Kediri, Lensaupdate.com - Atlet taekwondo Kabupaten Probolinggo berhasil menorehkan prestasi gemilang pada Kejuaraan Nasional (Kejurnas) Jatim Open 2025 yang digelar di GOR Jayabaya, Kediri pada 20 hingga 23 November 2025.
Ajang bergengsi yang diikuti 1.250 atlet dari berbagai daerah di Indonesia tersebut menjadi momentum penting bagi Pengurus Kabupaten (Pengkab) Taekwondo Indonesia (TI) Probolinggo untuk menunjukkan kemampuan atlet binaannya.
Dalam kompetisi tersebut, kontingen Kabupaten Probolinggo sukses membawa pulang total 11 medali yang terdiri dari 1 medali emas, 4 medali perak dan 6 medali perunggu. Capaian ini diraih dari dua kategori, yaitu kelas prestasi dan kelas semi prestasi.
Pada kelas prestasi, tiga medali perunggu berhasil disumbangkan oleh Mas Athallah Arjuna Pratama untuk kategori Kyorugi Cadet M+65 Kg, Aburizal Malik untuk kategori Kyorugi Junior M-48 Kg serta Quinn Narapati Ramadhan untuk kategori Kyorugi Junior M-51 Kg.
Sementara untuk kelas semi prestasi, atlet Kabupaten Probolinggo menorehkan hasil yang lebih gemilang.
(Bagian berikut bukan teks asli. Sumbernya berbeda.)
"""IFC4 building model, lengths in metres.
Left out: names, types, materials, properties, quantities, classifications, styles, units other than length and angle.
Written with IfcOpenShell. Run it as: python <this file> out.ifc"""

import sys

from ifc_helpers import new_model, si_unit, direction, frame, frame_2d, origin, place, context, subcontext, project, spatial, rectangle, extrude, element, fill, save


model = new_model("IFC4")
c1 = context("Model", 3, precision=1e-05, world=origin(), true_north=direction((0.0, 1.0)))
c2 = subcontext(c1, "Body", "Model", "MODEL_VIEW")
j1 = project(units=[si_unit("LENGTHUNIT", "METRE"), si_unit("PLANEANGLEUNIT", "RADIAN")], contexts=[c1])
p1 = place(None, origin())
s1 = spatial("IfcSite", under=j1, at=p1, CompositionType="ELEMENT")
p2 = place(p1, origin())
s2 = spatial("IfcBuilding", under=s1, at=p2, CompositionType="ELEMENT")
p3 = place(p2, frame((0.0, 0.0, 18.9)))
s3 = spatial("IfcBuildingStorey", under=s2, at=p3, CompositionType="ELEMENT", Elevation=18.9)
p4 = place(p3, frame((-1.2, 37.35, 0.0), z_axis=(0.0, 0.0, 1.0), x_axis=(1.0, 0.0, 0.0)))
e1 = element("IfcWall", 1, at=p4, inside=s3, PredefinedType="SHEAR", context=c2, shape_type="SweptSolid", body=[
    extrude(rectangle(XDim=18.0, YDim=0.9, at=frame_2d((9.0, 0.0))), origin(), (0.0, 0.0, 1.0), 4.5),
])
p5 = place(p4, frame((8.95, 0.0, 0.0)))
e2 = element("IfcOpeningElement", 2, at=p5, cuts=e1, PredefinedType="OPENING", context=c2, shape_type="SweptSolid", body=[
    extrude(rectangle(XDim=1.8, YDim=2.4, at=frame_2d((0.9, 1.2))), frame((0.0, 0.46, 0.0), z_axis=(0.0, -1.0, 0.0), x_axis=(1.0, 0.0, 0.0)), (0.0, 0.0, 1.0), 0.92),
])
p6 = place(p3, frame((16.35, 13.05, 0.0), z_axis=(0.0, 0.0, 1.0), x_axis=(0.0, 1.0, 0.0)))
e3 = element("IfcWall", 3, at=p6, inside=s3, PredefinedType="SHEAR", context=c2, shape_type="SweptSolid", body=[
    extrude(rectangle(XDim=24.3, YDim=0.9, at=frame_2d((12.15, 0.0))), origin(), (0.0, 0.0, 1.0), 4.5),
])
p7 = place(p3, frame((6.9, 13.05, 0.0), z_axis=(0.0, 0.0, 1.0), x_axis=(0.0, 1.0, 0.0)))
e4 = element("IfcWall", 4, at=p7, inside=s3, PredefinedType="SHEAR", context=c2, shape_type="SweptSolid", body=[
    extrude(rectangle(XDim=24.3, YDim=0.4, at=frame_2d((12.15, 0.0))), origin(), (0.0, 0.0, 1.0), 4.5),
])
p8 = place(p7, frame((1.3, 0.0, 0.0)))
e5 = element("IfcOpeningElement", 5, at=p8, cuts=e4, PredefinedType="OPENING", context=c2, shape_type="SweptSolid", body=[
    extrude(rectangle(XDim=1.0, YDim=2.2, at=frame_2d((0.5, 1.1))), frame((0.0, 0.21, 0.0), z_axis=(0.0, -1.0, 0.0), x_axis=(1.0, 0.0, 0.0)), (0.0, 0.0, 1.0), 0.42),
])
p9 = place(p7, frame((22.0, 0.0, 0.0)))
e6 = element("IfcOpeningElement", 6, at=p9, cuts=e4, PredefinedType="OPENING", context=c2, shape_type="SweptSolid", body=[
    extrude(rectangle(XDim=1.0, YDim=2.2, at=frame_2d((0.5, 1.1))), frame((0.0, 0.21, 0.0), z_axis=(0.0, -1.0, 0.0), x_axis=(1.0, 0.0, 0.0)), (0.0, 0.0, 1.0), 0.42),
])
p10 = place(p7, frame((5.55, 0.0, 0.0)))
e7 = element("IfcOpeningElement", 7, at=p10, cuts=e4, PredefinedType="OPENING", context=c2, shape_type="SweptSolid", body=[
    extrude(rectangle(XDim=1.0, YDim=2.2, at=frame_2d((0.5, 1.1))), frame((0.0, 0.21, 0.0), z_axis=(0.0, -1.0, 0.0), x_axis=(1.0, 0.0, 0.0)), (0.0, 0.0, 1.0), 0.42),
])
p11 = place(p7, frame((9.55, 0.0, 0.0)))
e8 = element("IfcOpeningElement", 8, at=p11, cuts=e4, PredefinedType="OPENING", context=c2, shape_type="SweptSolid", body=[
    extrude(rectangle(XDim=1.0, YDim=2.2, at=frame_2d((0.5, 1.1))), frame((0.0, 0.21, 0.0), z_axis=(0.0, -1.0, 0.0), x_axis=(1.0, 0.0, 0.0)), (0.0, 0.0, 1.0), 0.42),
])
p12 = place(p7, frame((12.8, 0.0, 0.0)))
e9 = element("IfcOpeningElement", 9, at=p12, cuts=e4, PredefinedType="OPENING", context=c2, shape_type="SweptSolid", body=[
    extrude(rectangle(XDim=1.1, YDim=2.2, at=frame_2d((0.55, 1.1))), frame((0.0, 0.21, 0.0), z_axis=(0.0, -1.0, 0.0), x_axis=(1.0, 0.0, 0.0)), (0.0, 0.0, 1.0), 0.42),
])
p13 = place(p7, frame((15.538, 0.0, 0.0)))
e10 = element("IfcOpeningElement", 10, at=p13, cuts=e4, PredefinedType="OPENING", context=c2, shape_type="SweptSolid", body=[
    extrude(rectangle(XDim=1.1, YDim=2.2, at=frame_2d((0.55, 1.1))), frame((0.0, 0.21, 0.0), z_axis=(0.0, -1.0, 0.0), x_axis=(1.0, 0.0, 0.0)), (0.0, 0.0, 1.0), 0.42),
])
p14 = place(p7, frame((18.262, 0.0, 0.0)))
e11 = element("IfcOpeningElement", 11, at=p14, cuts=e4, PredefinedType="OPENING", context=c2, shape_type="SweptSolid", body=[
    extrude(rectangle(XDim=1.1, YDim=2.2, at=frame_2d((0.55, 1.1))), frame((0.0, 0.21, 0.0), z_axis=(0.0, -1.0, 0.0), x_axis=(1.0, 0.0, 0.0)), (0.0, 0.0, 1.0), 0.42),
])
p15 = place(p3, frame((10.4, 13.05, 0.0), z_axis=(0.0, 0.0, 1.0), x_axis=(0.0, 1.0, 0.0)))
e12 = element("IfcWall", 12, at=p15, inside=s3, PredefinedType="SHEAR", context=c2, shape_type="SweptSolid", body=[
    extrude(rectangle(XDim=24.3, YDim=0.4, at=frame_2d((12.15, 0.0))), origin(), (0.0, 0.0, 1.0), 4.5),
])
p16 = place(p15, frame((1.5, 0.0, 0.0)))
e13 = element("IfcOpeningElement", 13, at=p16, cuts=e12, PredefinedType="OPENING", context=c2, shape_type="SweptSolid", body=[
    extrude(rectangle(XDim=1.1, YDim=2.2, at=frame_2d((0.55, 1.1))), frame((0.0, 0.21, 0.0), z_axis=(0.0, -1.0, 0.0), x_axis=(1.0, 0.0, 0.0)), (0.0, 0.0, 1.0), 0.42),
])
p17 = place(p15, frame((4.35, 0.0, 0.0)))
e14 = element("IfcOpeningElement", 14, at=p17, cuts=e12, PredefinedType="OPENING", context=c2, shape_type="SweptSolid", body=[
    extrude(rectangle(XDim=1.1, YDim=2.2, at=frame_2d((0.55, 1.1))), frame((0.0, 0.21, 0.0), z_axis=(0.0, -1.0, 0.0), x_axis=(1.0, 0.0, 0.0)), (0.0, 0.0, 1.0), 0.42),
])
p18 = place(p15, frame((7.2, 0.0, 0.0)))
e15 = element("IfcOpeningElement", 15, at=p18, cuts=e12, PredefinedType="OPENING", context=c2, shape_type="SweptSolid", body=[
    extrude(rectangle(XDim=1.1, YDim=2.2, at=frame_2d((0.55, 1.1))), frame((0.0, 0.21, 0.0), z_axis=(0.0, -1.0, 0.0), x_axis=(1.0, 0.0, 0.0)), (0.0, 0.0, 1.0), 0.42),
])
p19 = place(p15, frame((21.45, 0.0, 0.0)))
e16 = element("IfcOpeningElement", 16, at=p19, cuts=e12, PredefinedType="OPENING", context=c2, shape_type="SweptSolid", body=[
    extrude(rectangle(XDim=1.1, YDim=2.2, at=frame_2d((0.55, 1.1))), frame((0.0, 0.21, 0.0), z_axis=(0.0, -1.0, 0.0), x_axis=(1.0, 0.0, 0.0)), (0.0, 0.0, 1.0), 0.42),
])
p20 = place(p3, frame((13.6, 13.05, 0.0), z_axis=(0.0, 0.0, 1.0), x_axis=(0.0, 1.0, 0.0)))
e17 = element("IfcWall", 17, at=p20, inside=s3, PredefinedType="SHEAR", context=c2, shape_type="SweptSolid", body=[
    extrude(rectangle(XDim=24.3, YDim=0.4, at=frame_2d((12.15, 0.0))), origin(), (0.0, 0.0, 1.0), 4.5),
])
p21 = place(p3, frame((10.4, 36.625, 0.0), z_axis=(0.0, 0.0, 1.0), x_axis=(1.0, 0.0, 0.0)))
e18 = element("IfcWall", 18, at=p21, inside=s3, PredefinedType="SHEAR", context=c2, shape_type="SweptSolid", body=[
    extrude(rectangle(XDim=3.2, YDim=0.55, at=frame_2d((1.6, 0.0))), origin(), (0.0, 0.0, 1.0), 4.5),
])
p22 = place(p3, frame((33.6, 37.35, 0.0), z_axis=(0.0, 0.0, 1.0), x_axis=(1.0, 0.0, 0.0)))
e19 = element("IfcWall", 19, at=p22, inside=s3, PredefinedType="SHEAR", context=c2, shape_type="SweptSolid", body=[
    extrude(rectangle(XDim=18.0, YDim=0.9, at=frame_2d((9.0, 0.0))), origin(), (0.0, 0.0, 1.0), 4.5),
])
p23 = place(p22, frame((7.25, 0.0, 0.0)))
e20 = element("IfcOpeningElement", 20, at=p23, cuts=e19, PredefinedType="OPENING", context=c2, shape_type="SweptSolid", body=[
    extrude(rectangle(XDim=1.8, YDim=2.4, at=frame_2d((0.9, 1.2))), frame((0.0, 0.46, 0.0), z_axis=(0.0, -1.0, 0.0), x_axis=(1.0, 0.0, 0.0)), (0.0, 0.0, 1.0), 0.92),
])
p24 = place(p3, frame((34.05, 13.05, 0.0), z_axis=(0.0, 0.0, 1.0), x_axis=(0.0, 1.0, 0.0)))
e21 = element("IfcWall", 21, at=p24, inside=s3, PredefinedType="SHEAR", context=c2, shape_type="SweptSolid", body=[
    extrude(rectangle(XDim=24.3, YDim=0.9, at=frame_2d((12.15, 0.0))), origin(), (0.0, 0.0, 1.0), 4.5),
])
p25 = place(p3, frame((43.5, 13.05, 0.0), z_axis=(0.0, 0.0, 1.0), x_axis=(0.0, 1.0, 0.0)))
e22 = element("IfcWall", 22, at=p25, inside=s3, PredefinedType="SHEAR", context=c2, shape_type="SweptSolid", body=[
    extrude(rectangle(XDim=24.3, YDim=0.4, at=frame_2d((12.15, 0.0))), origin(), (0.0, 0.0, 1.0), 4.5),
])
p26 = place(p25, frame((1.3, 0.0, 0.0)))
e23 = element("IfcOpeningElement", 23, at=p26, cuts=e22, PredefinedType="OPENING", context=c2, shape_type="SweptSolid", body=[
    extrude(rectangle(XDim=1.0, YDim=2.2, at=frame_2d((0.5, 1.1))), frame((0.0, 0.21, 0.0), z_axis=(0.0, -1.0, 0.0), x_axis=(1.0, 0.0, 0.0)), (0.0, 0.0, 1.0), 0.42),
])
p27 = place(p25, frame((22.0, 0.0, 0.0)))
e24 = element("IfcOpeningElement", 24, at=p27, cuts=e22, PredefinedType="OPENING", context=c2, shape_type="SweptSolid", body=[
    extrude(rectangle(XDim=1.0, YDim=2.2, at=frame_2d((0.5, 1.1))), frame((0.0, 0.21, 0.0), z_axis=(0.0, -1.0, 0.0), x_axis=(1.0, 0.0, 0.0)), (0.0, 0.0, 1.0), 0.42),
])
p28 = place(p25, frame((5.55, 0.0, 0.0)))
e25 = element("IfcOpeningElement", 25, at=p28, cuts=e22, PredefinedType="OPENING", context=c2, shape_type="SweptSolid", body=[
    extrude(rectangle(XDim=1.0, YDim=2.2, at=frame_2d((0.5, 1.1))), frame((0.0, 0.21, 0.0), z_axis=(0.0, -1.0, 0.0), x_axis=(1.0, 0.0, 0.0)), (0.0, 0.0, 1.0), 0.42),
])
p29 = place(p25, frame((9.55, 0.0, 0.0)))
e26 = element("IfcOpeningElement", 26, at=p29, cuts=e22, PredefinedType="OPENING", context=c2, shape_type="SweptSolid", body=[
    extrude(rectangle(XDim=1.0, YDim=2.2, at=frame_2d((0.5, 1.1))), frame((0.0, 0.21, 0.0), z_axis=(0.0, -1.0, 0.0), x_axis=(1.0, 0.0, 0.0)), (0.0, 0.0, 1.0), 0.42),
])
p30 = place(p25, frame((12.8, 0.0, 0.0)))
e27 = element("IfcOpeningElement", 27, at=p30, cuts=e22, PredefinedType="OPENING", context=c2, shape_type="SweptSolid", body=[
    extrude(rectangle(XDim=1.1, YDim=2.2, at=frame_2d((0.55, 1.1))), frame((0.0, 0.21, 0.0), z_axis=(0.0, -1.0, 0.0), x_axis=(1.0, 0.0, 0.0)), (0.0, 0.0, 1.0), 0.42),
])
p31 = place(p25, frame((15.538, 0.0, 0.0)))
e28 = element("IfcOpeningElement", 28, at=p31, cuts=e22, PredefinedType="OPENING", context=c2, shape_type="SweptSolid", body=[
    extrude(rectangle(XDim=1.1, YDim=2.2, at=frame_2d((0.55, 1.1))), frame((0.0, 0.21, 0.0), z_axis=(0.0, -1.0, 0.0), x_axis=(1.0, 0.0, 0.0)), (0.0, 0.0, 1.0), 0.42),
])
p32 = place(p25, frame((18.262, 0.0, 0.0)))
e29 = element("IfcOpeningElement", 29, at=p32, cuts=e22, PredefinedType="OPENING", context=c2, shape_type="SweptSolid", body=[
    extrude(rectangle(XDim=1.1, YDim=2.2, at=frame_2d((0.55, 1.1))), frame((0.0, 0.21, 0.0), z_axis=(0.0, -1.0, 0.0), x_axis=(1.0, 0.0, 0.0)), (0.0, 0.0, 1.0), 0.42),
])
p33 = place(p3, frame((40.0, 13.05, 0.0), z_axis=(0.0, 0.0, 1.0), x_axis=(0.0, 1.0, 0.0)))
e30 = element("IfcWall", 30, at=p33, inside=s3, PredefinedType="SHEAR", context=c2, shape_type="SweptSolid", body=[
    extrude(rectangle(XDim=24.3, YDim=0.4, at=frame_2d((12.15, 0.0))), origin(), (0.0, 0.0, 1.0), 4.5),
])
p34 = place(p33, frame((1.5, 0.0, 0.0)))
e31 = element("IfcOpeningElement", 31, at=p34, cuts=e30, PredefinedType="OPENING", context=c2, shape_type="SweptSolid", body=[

Satu medali emas berhasil diraih oleh Fakhri Khoirul Azam pada nomor Kyorugi Cadet M-45 Kg. Empat medali perak disumbangkan oleh Faby Carissa Ramadhani pada nomor Poomsae F Cadet, Avero Zein El Fikri pada nomor Poomsae M Cadet, Ramzi Aufa Raharjo pada nomor Poomsae M Junior serta Keenar Azkadina Maritza pada nomor Poomsae F Pra Cadet C.
Selain itu, tiga medali perunggu juga diraih oleh Naqiyya El Wardah Styawan pada nomor Kyorugi Cadet F-59 Kg, Moh Rifki Maulana pada nomor Kyorugi Junior M-51 Kg, serta Oryza Abhinaya pada nomor Poomsae F Pra Cadet C.
Ketua Pengkab TI Probolinggo Puja Kurniawan memberikan apresiasi dan penghargaan yang tinggi atas perjuangan para atlet yang sebagian besar masih berada pada tahap awal pengembangan. “Yang jelas ini atlet pemula yang baru saya tampilkan untuk mencari bibit atlet baru di Kabupaten Probolinggo,” ujarnya.
Menurut Puja, capaian ini menunjukkan potensi besar yang perlu terus dibina melalui pelatihan terarah dan partisipasi rutin dalam kompetisi tingkat regional maupun nasional.
“Keberhasilan ini menjadi modal penting bagi kami dalam mempersiapkan atlet masa depan yang dapat bersaing pada level lebih tinggi, sekaligus memperkuat pembinaan olahraga taekwondo di Kabupaten Probolinggo,” pungkasnya. (mel/fas)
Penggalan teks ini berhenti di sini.